The Rational Quartic Curve in Space of Three and Four Dimensions

Abstract

IN this tract Miss Telling has presented in compact form a great deal of information, gathered from various sources, which is not available as a whole elsewhere. The tract is divided into two chapters and a short appendix. The first chapter deals with the four-dimensional curve and its projective generation, invariants and the symbolical notation for them, fundamental polarity, trisecant planes, chords, quadratic involutions, director lines and planes, (/-lines and the manifold G, the chordal J, the quartic surface K and its nodes, Segre cubic primals, and linear complexes containing the curve, or apolar to it.
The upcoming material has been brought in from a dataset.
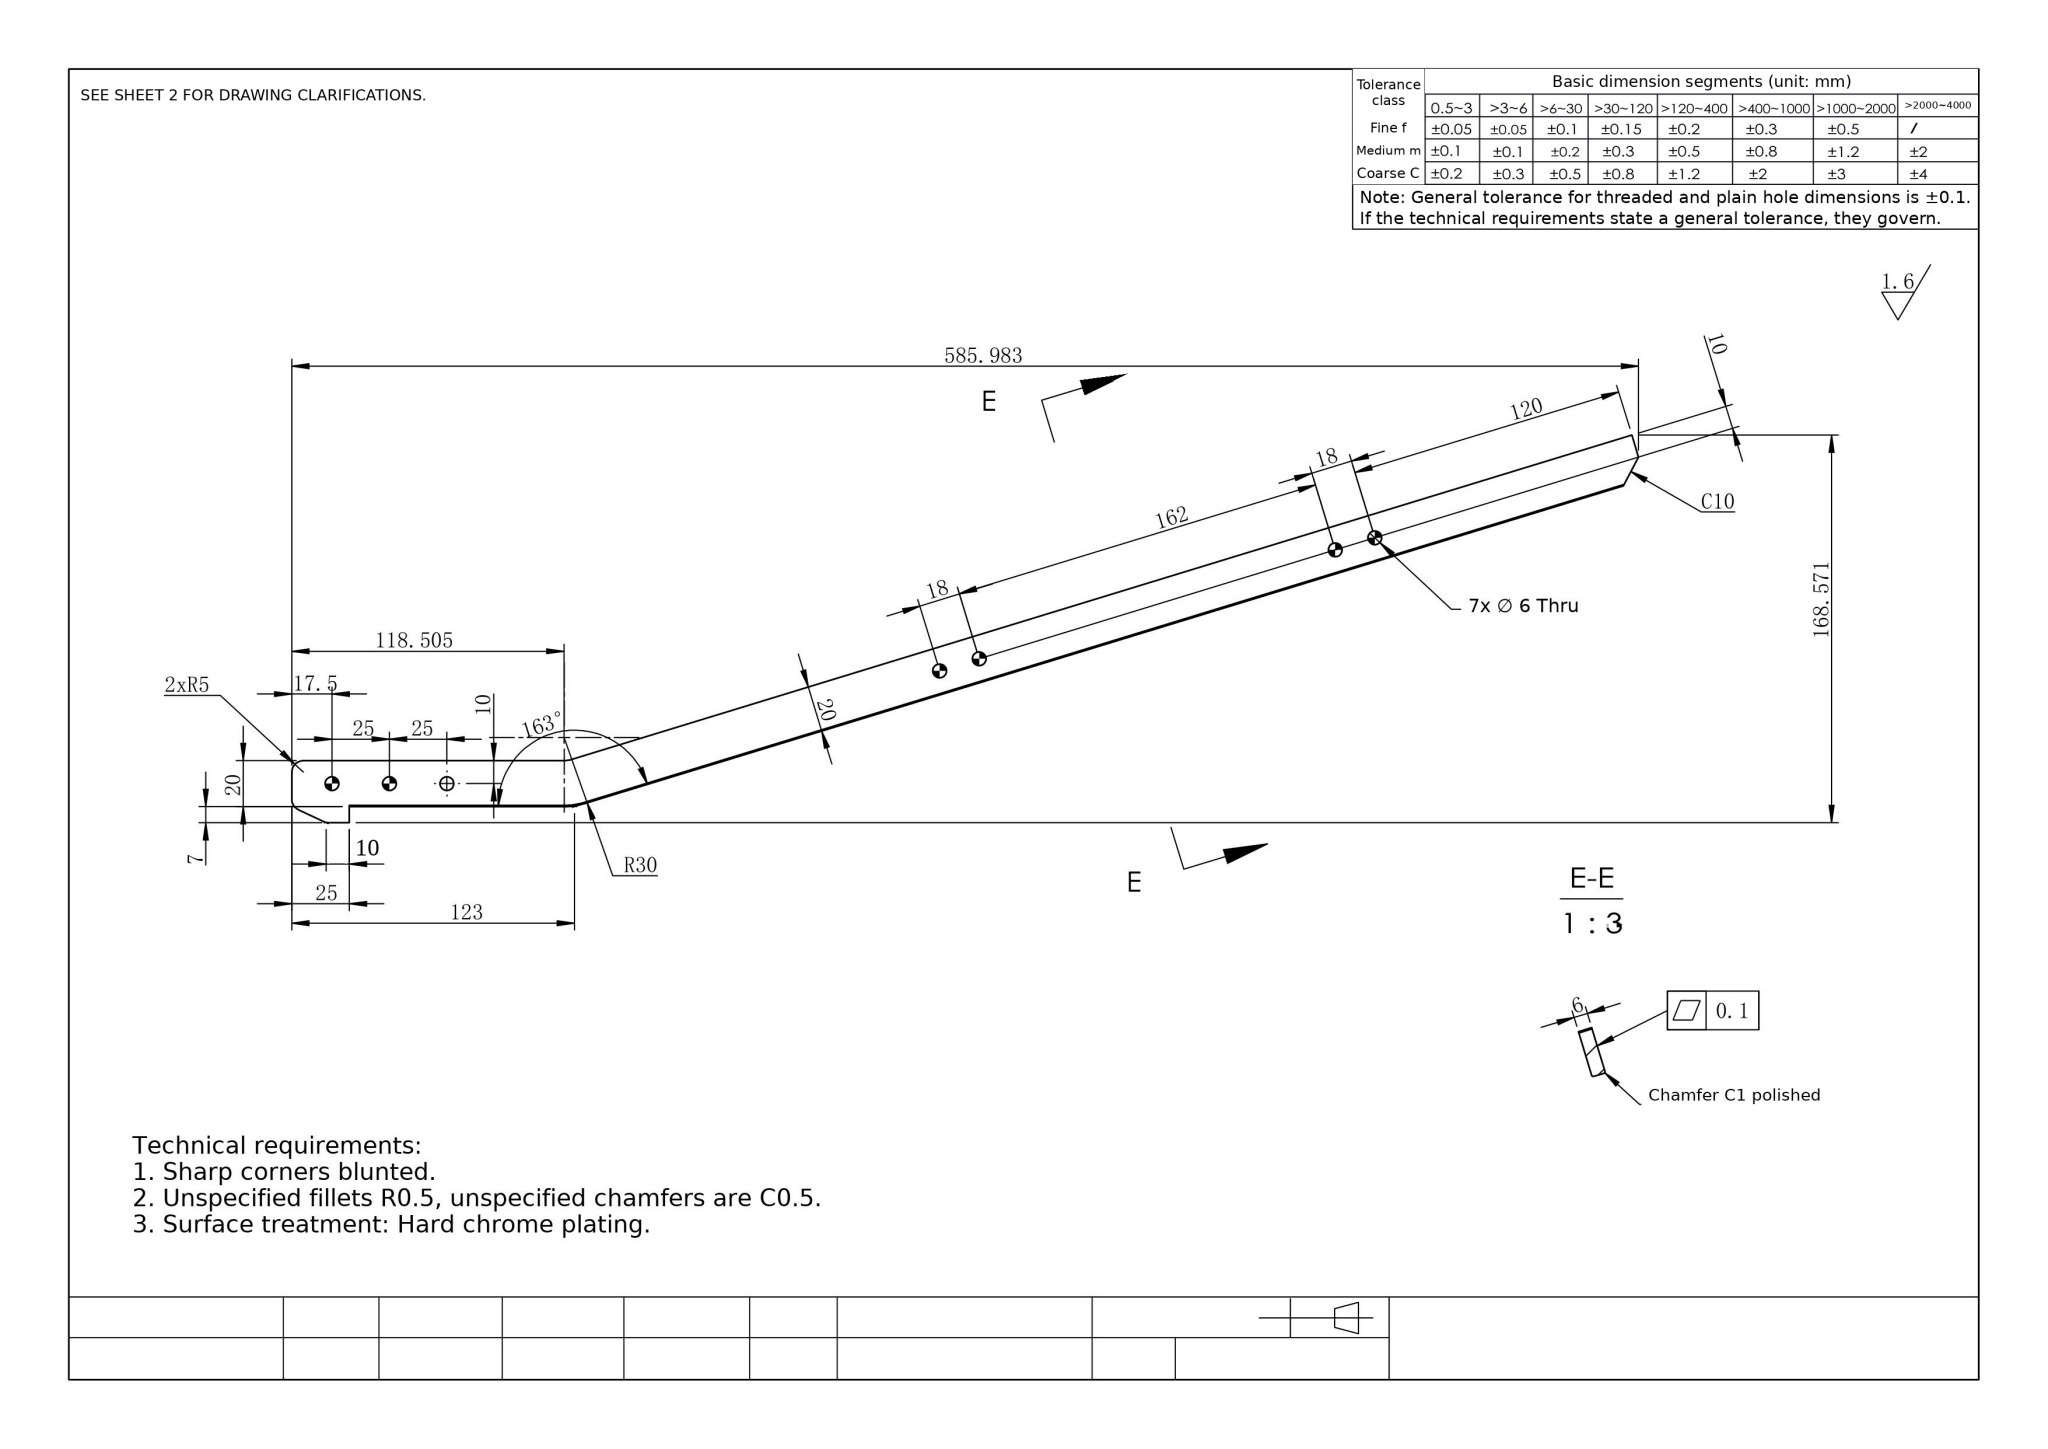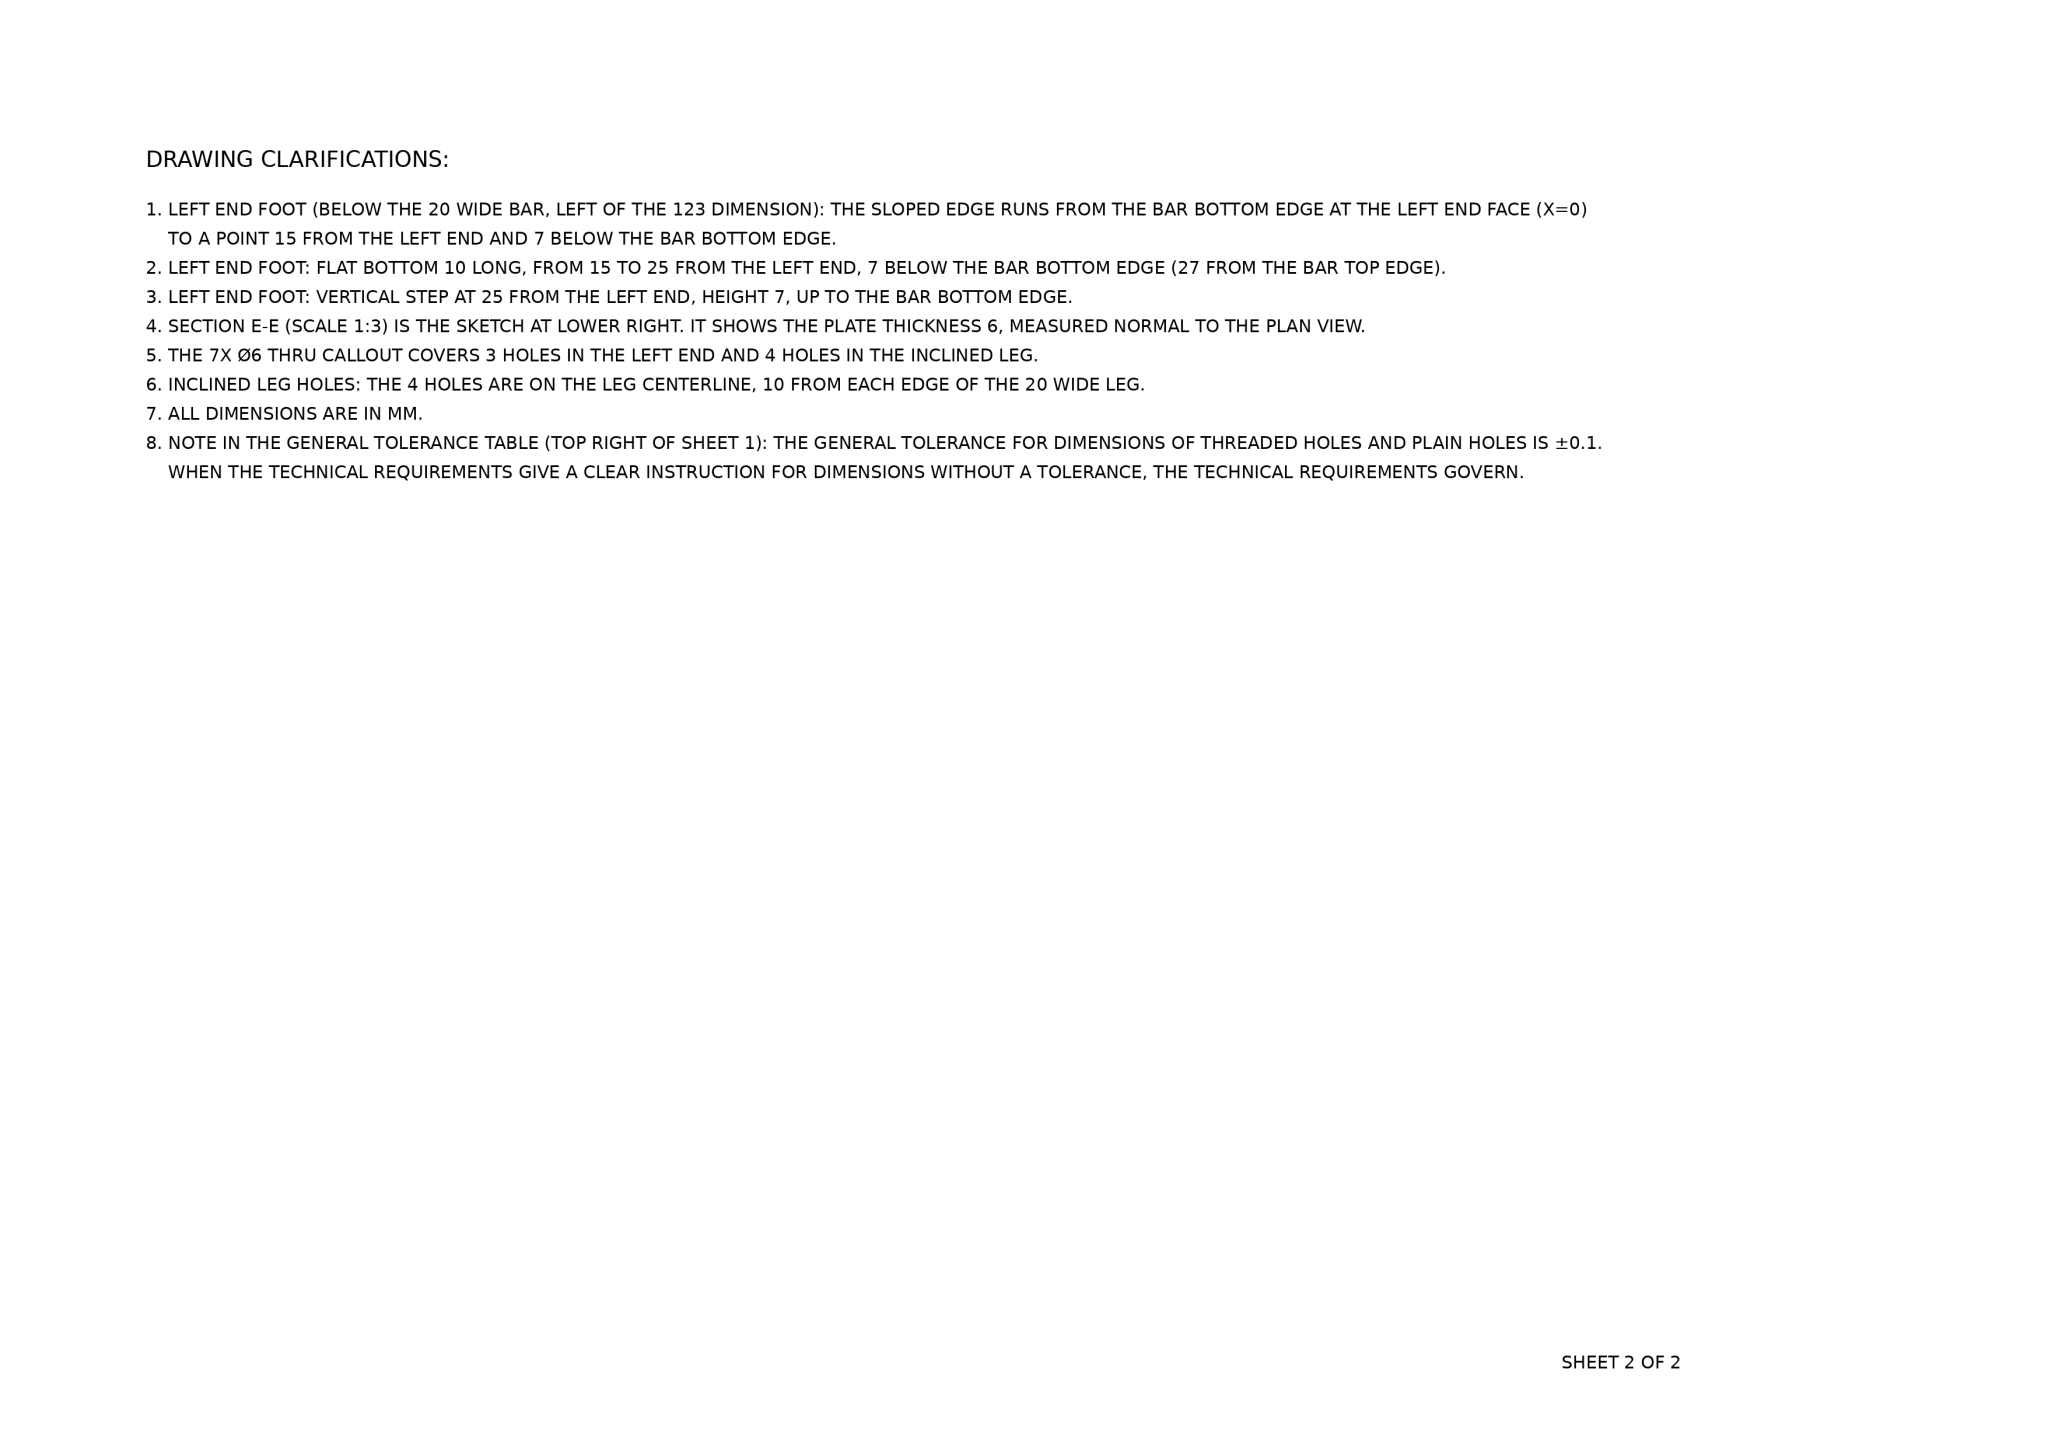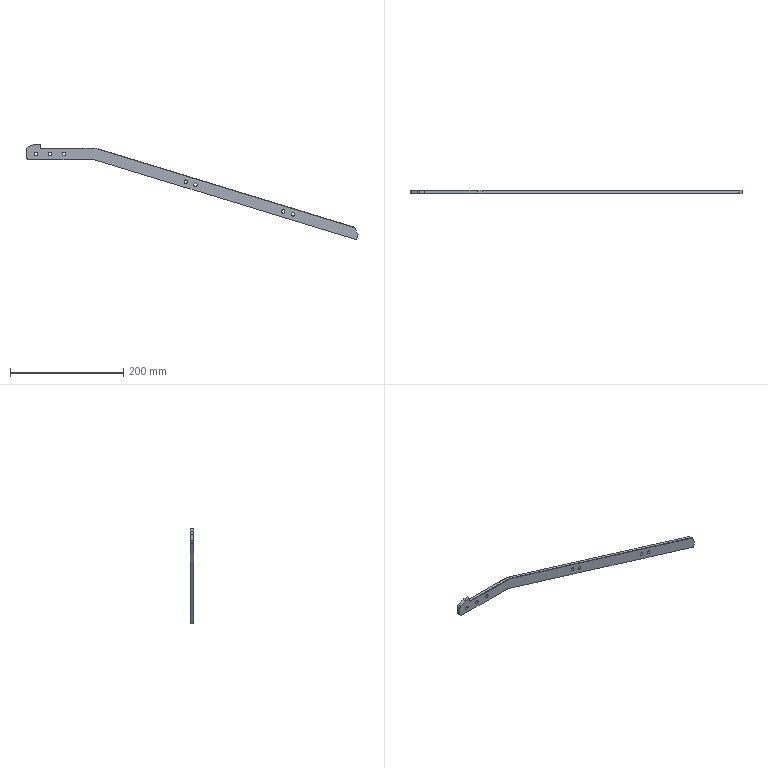Part | NX | mm | 1 solid | 37 faces | box 585.98 x 6 x 168.57 mm | volume 71920 mm3 | cylinder 19 | plane 16 | cone 2 | commonest cylinder face diameters 6 x14 10 x3 20 x1 60 x1

In the second chapter we descend to three-dimensional space, and consider quartic curves of the first and second kind, principal, quadratic, and cubic involutions; flexes, trisecants and Hessian points, the surfaces of Steiner and Veronese, and several special kinds of quartic curves. The appendix consists of a note on involutions on the four-dimensional quartic.

The Rational Quartic Curve in Space of Three and Four Dimensions:

being an Introduction to Rational Curves. By H. G. Telling. (Cambridge Tracts in Mathematics and Mathematical Physics, No. 34.) Pp. viii + 78. (Cambridge: At the University Press, 1936.) 5s. net.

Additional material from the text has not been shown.